Kassenpatienten sollen leichter an medizinisches Cannabis kommen

  • Seit rund vier Jahren kann Cannabis in Deutschland offiziell als Medizin verschrieben werden. Doch die bürokratischen Hürden sind noch immer groß.

    Viele Schmerzpatienten scheitern mit ihrem Antrag bei der Krankenkasse, obwohl ihr Arzt eine Therapie mit Cannabinoiden verschreibt. Das soll sich jetzt ändern.

    Ein Selektionsvertrag zwischen der AOK Rheinland/Hamburg und der Deutschen Gesellschaft für Schmerzmedizin e.V. (DGS) will den Zugang zu medizinischem Cannabis erleichtern.

    Das verkündete die DGS in einer Pressekonferenz am Mittwoch.

    In Deutschland soll medizinisches Cannabis von Ärzten nur dann verordnet werden, wenn Standardtherapieformen ausgeschöpft wurden. Besonders Schmerzpatienten und Menschen

    mit chronischen Krankheiten können von einer Behandlung profitieren. Der Haken: Selbst wenn der Arzt in Absprache mit dem Patienten eine Therapie mit Cannabinoiden anstrebt,

    kann die Krankenkasse diese durch einen Genehmigungsvorbehalt ablehnen.


    Obwohl keine Hinweise auf eine missbräuchliche Auslegung oder Anwendung des Gesetzes vorliegen, würden noch immer gut ein Drittel der Anträge abgelehnt,

    so Dr.
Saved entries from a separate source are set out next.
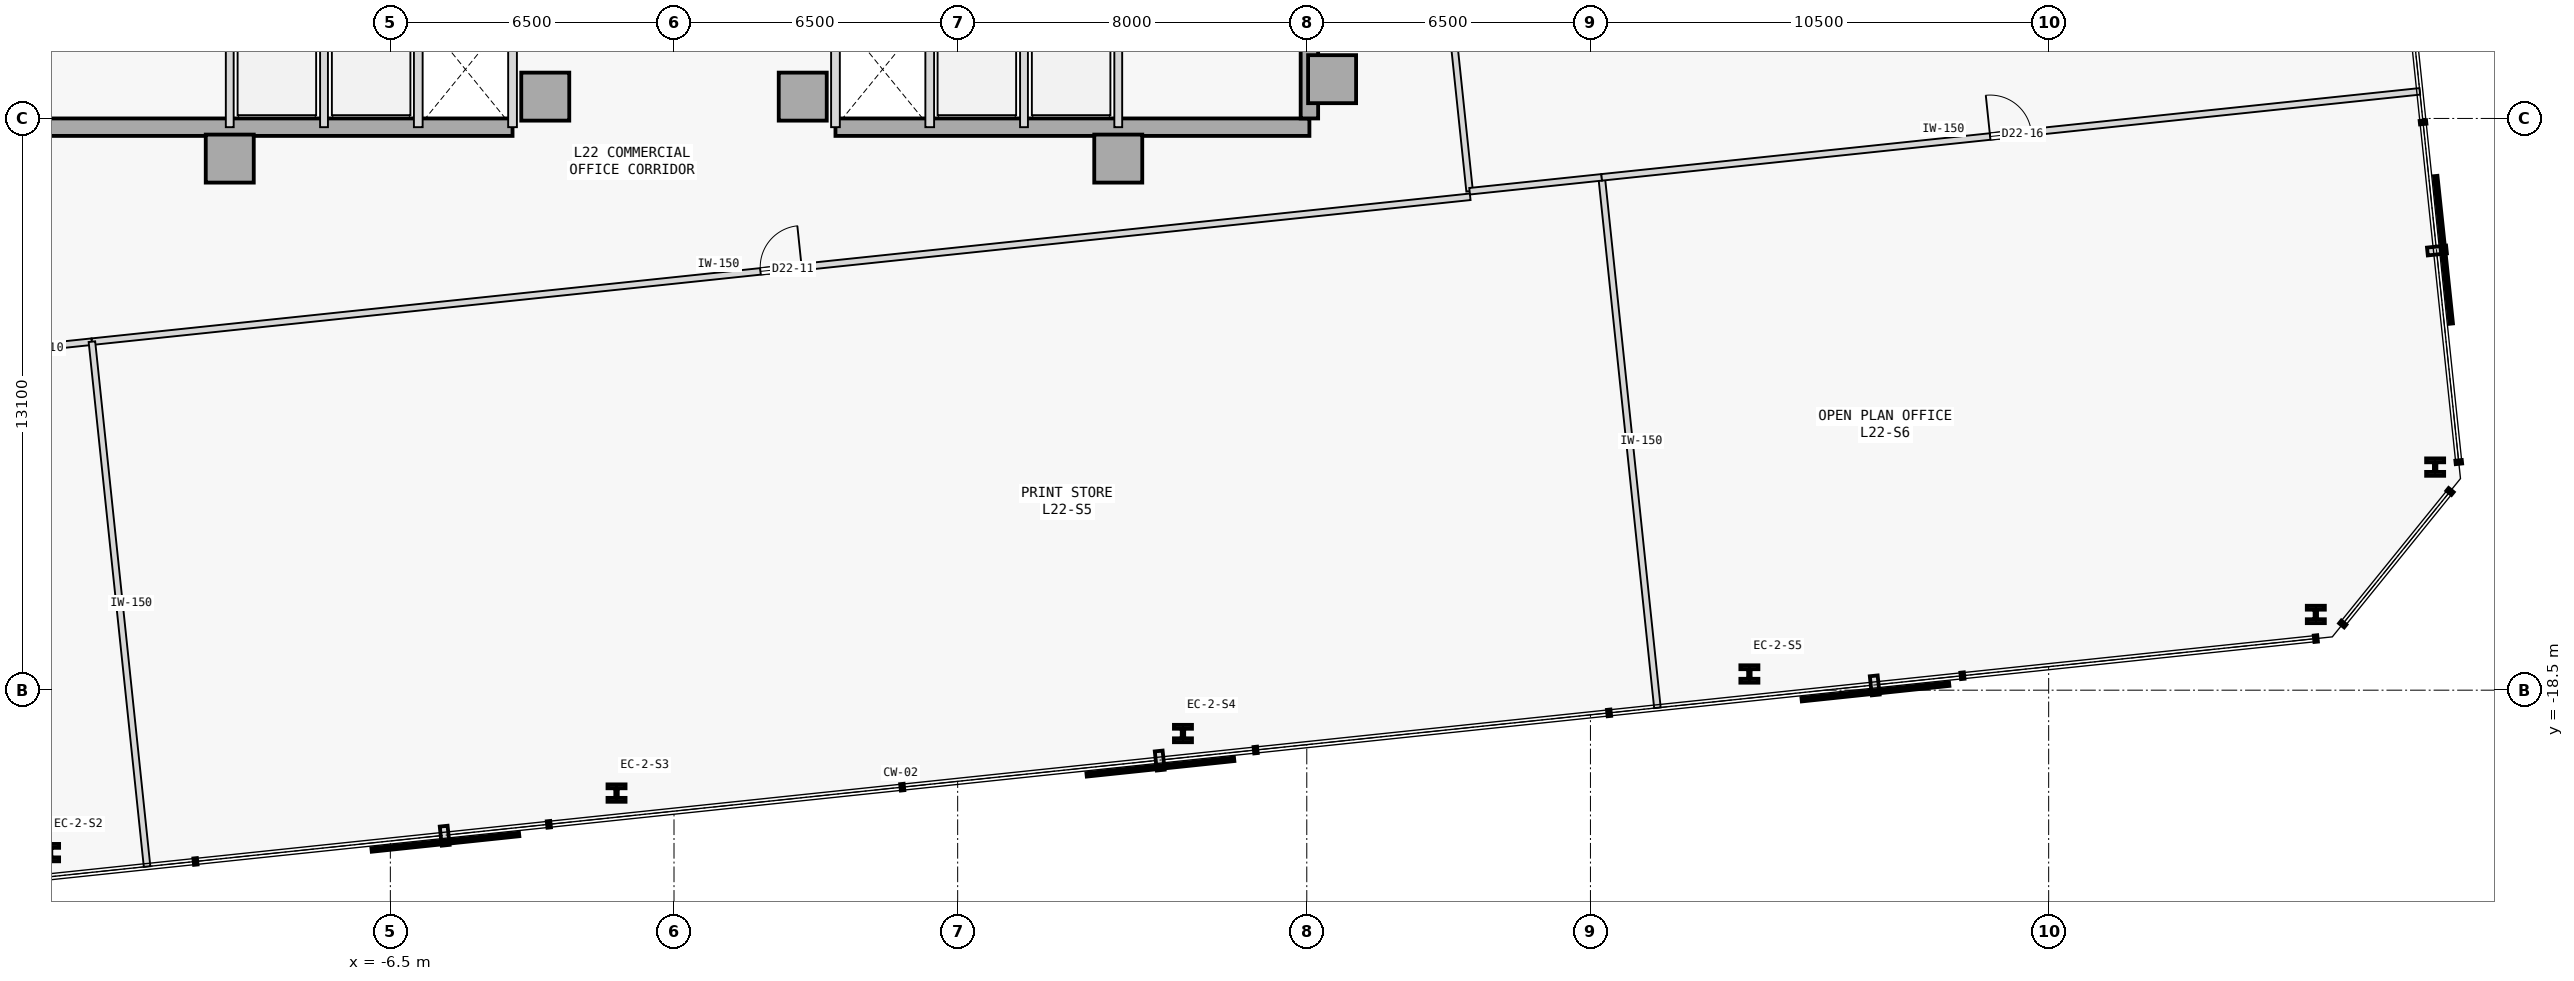
"""IFC4 building model, lengths in metres.
Left out: names, types, materials, properties, quantities, classifications, styles, units other than length and angle.
Written with IfcOpenShell. Run it as: python <this file> out.ifc"""

import sys

from ifc_helpers import new_model, si_unit, direction, frame, frame_2d, origin, origin_2d, place, context, subcontext, project, spatial, rectangle, i_section, extrude, element, fill, save


model = new_model("IFC4")
c1 = context("Model", 3, precision=1e-05, world=origin(), true_north=direction((0.0, 1.0)))
c2 = subcontext(c1, "Body", "Model", "MODEL_VIEW")
j1 = project(units=[si_unit("LENGTHUNIT", "METRE"), si_unit("PLANEANGLEUNIT", "RADIAN")], contexts=[c1])
p1 = place(None, origin())
s1 = spatial("IfcSite", under=j1, at=p1, CompositionType="ELEMENT")
p2 = place(p1, origin())
s2 = spatial("IfcBuilding", under=s1, at=p2, CompositionType="ELEMENT")
p3 = place(p2, frame((0.0, 0.0, 91.1)))
s3 = spatial("IfcBuildingStorey", under=s2, at=p3, CompositionType="ELEMENT", Elevation=91.1)
for number, where, z_axis, x_axis in (
    (1, (-10.18, -6.32, 0.0), (0.0, 0.0, 1.0), (1.0, 0.0, 0.0)),
    (2, (-2.95, -4.9, 0.0), (0.0, 0.0, 1.0), (1.0, 0.0, 0.0)),
    (3, (15.08, -4.5, 0.0), (0.0, 0.0, 1.0), (1.0, 0.0, 0.0)),
    (4, (10.18, -6.32, 0.0), (0.0, 0.0, 1.0), (1.0, 0.0, 0.0)),
    (5, (2.95, -4.9, 0.0), (0.0, 0.0, 1.0), (1.0, 0.0, 0.0)),
):
    element("IfcColumn", number, at=place(p3, frame(where, z_axis=z_axis, x_axis=x_axis)), inside=s3, PredefinedType="COLUMN", context=c2, shape_type="SweptSolid", body=[
        extrude(rectangle(XDim=1.1, YDim=1.1, at=origin_2d()), origin(), (0.0, 0.0, 1.0), 3.7),
    ])
for number, where, z_axis, x_axis in (
    (6, (-14.56, -5.6, 0.0), (0.0, 0.0, 1.0), (1.0, 0.0, 0.0)),
    (7, (3.7, -5.6, 0.0), (0.0, 0.0, 1.0), (1.0, 0.0, 0.0)),
):
    element("IfcWall", number, at=place(p3, frame(where, z_axis=z_axis, x_axis=x_axis)), inside=s3, PredefinedType="SHEAR", context=c2, shape_type="SweptSolid", body=[
        extrude(rectangle(XDim=10.86, YDim=0.4, at=frame_2d((5.43, 0.0))), origin(), (0.0, 0.0, 1.0), 3.475),
    ])
p4 = place(p3, frame((14.56, -5.4, 0.0), z_axis=(0.0, 0.0, 1.0), x_axis=(0.0, 1.0, 0.0)))
e8 = element("IfcWall", 8, at=p4, inside=s3, PredefinedType="SHEAR", context=c2, shape_type="SweptSolid", body=[
    extrude(rectangle(XDim=10.8, YDim=0.4, at=frame_2d((5.4, 0.0))), origin(), (0.0, 0.0, 1.0), 3.475),
])
for number, where, z_axis, x_axis in (
    (9, (-14.297, -22.222, 0.0), (0.0, 0.0, 1.0), (1.0, 0.0, 0.0)),
    (10, (-1.317, -20.858, 0.0), (0.0, 0.0, 1.0), (1.0, 0.0, 0.0)),
    (11, (11.663, -19.494, 0.0), (0.0, 0.0, 1.0), (1.0, 0.0, 0.0)),
    (12, (24.642, -18.129, 0.0), (0.0, 0.0, 1.0), (1.0, 0.0, 0.0)),
    (13, (37.622, -16.765, 0.0), (0.0, 0.0, 1.0), (1.0, 0.0, 0.0)),
    (14, (40.356, -13.389, 0.0), (0.0, 0.0, 1.0), (1.0, 0.0, 0.0)),
):
    element("IfcColumn", number, at=place(p3, frame(where, z_axis=z_axis, x_axis=x_axis)), inside=s3, PredefinedType="COLUMN", context=c2, shape_type="SweptSolid", body=[
        extrude(i_section(OverallWidth=0.413, OverallDepth=0.398, WebThickness=0.056, FlangeThickness=0.089, FilletRadius=0.015, at=origin_2d()), origin(), (0.0, 0.0, 1.0), 3.7),
    ])
for number, where, z_axis, x_axis in (
    (15, (-3.7, -5.6, 0.0), (0.0, 0.0, 1.0), (0.0, 1.0, 0.0)),
    (16, (-5.86, -5.6, 0.0), (0.0, 0.0, 1.0), (0.0, 1.0, 0.0)),
):
    element("IfcWall", number, at=place(p3, frame(where, z_axis=z_axis, x_axis=x_axis)), inside=s3, PredefinedType="STANDARD", context=c2, shape_type="SweptSolid", body=[
        extrude(rectangle(XDim=2.65, YDim=0.2, at=frame_2d((1.325, 0.0))), origin(), (0.0, 0.0, 1.0), 3.475),
    ])
for number, where, z_axis, x_axis in (
    (17, (-10.18, -5.6, 0.0), (0.0, 0.0, 1.0), (0.0, 1.0, 0.0)),
    (18, (-8.02, -5.6, 0.0), (0.0, 0.0, 1.0), (0.0, 1.0, 0.0)),
):
    element("IfcWall", number, at=place(p3, frame(where, z_axis=z_axis, x_axis=x_axis)), inside=s3, PredefinedType="STANDARD", context=c2, shape_type="SweptSolid", body=[
        extrude(rectangle(XDim=2.65, YDim=0.18, at=frame_2d((1.325, 0.0))), origin(), (0.0, 0.0, 1.0), 3.475),
    ])
for number, where, z_axis, x_axis in (
    (19, (3.7, -5.6, 0.0), (0.0, 0.0, 1.0), (0.0, 1.0, 0.0)),
    (20, (5.86, -5.6, 0.0), (0.0, 0.0, 1.0), (0.0, 1.0, 0.0)),
):
    element("IfcWall", number, at=place(p3, frame(where, z_axis=z_axis, x_axis=x_axis)), inside=s3, PredefinedType="STANDARD", context=c2, shape_type="SweptSolid", body=[
        extrude(rectangle(XDim=2.65, YDim=0.2, at=frame_2d((1.325, 0.0))), origin(), (0.0, 0.0, 1.0), 3.475),
    ])
for number, where, z_axis, x_axis in (
    (21, (10.18, -5.6, 0.0), (0.0, 0.0, 1.0), (0.0, 1.0, 0.0)),
    (22, (8.02, -5.6, 0.0), (0.0, 0.0, 1.0), (0.0, 1.0, 0.0)),
):
    element("IfcWall", number, at=place(p3, frame(where, z_axis=z_axis, x_axis=x_axis)), inside=s3, PredefinedType="STANDARD", context=c2, shape_type="SweptSolid", body=[
        extrude(rectangle(XDim=2.65, YDim=0.18, at=frame_2d((1.325, 0.0))), origin(), (0.0, 0.0, 1.0), 3.475),
    ])
p5 = place(p3, frame((-16.14, -10.809, 0.0), z_axis=(0.0, 0.0, 1.0), x_axis=(0.994522535937, 0.104522368483, 0.0)))
e23 = element("IfcWall", 23, at=p5, inside=s3, PredefinedType="PARTITIONING", context=c2, shape_type="SweptSolid", body=[
    extrude(rectangle(XDim=2.817, YDim=0.15, at=frame_2d((1.408, 0.0))), origin(), (0.0, 0.0, 1.0), 3.475),
])
p6 = place(p5, frame((0.934, 0.0, 0.0)))
e24 = element("IfcOpeningElement", 24, at=p6, cuts=e23, PredefinedType="OPENING", context=c2, shape_type="SweptSolid", body=[
    extrude(rectangle(XDim=0.95, YDim=2.15, at=frame_2d((0.475, 1.075))), frame((0.0, 0.085, 0.0), z_axis=(0.0, -1.0, 0.0), x_axis=(1.0, 0.0, 0.0)), (0.0, 0.0, 1.0), 0.17),
])
p7 = place(p3, frame((-13.338, -10.515, 0.0), z_axis=(0.0, 0.0, 1.0), x_axis=(0.994522458216, 0.104523107989, 0.0)))
e25 = element("IfcWall", 25, at=p7, inside=s3, PredefinedType="PARTITIONING", context=c2, shape_type="SweptSolid", body=[
    extrude(rectangle(XDim=31.757, YDim=0.15, at=frame_2d((15.878, 0.0))), origin(), (0.0, 0.0, 1.0), 3.475),
])
p8 = place(p7, frame((15.404, 0.0, 0.0)))
e26 = element("IfcOpeningElement", 26, at=p8, cuts=e25, PredefinedType="OPENING", context=c2, shape_type="SweptSolid", body=[
    extrude(rectangle(XDim=0.95, YDim=2.15, at=frame_2d((0.475, 1.075))), frame((0.0, 0.085, 0.0), z_axis=(0.0, -1.0, 0.0), x_axis=(1.0, 0.0, 0.0)), (0.0, 0.0, 1.0), 0.17),
])
p9 = place(p3, frame((18.231, -7.068, 0.0), z_axis=(0.0, 0.0, 1.0), x_axis=(-0.104536082083, 0.994521094569, 0.0)))
e27 = element("IfcWall", 27, at=p9, inside=s3, PredefinedType="PARTITIONING", context=c2, shape_type="SweptSolid", body=[
    extrude(rectangle(XDim=11.794, YDim=0.15, at=frame_2d((5.897, 0.0))), origin(), (0.0, 0.0, 1.0), 3.475),
])
p10 = place(p9, frame((5.422, 0.0, 0.0)))
e28 = element("IfcOpeningElement", 28, at=p10, cuts=e27, PredefinedType="OPENING", context=c2, shape_type="SweptSolid", body=[
    extrude(rectangle(XDim=0.95, YDim=2.15, at=frame_2d((0.475, 1.075))), frame((0.0, 0.085, 0.0), z_axis=(0.0, -1.0, 0.0), x_axis=(1.0, 0.0, 0.0)), (0.0, 0.0, 1.0), 0.17),
])
p11 = place(p3, frame((-12.074, -22.542, 0.0), z_axis=(0.0, 0.0, 1.0), x_axis=(-0.104515587229, 0.99452324861, 0.0)))
e29 = element("IfcWall", 29, at=p11, inside=s3, PredefinedType="PARTITIONING", context=c2, shape_type="SweptSolid", body=[
    extrude(rectangle(XDim=12.093, YDim=0.15, at=frame_2d((6.046, 0.0))), origin(), (0.0, 0.0, 1.0), 3.475),
])
p12 = place(p3, frame((22.535, -18.904, 0.0), z_axis=(0.0, 0.0, 1.0), x_axis=(-0.104520477826, 0.99452273464, 0.0)))
e30 = element("IfcWall", 30, at=p12, inside=s3, PredefinedType="PARTITIONING", context=c2, shape_type="SweptSolid", body=[
    extrude(rectangle(XDim=12.221, YDim=0.15, at=frame_2d((6.11, 0.0))), origin(), (0.0, 0.0, 1.0), 3.475),
])
p13 = place(p3, frame((18.231, -7.068, 0.0), z_axis=(0.0, 0.0, 1.0), x_axis=(0.994520828596, 0.104538612428, 0.0)))
e31 = element("IfcWall", 31, at=p13, inside=s3, PredefinedType="PARTITIONING", context=c2, shape_type="SweptSolid", body=[
    extrude(rectangle(XDim=3.043, YDim=0.15, at=frame_2d((1.521, 0.0))), origin(), (0.0, 0.0, 1.0), 3.475),
])
p14 = place(p3, frame((21.258, -6.75, 0.0), z_axis=(0.0, 0.0, 1.0), x_axis=(0.994521409189, 0.104533088851, 0.0)))
e32 = element("IfcWall", 32, at=p14, inside=s3, PredefinedType="PARTITIONING", context=c2, shape_type="SweptSolid", body=[
    extrude(rectangle(XDim=18.85, YDim=0.15, at=frame_2d((9.425, 0.0))), origin(), (0.0, 0.0, 1.0), 3.475),
])
p15 = place(p14, frame((8.95, 0.0, 0.0)))
e33 = element("IfcOpeningElement", 33, at=p15, cuts=e32, PredefinedType="OPENING", context=c2, shape_type="SweptSolid", body=[
    extrude(rectangle(XDim=0.95, YDim=2.15, at=frame_2d((0.475, 1.075))), frame((0.0, 0.085, 0.0), z_axis=(0.0, -1.0, 0.0), x_axis=(1.0, 0.0, 0.0)), (0.0, 0.0, 1.0), 0.17),
])
p16 = place(p8, origin())
e34 = element("IfcDoor", 34, at=p16, inside=s3, OperationType="SINGLE_SWING_RIGHT", PredefinedType="DOOR", context=c2, shape_type="SweptSolid", body=[
    extrude(rectangle(XDim=0.95, YDim=2.15, at=frame_2d((0.475, 1.075))), frame((0.0, 0.025, 0.0), z_axis=(0.0, -1.0, 0.0), x_axis=(1.0, 0.0, 0.0)), (0.0, 0.0, 1.0), 0.05),
])
fill(e26, e34)
p17 = place(p15, origin())
e35 = element("IfcDoor", 35, at=p17, inside=s3, OperationType="SINGLE_SWING_LEFT", PredefinedType="DOOR", context=c2, shape_type="SweptSolid", body=[
    extrude(rectangle(XDim=0.95, YDim=2.15, at=frame_2d((0.475, 1.075))), frame((0.0, 0.025, 0.0), z_axis=(0.0, -1.0, 0.0), x_axis=(1.0, 0.0, 0.0)), (0.0, 0.0, 1.0), 0.05),
])
fill(e33, e35)
save(model, sys.argv[1])

Johannes Horlemann, Präsident der DGS. Dadurch würde es unnötig lange dauern, bis Betroffene versorgt werden können.

    Der neue Vertrag mit der AOK Rheinland/Hamburg beinhaltet eine Aufhebung dieses Genehmigungsvorbehaltes bei der Erstverordnung durch die Krankenkassen.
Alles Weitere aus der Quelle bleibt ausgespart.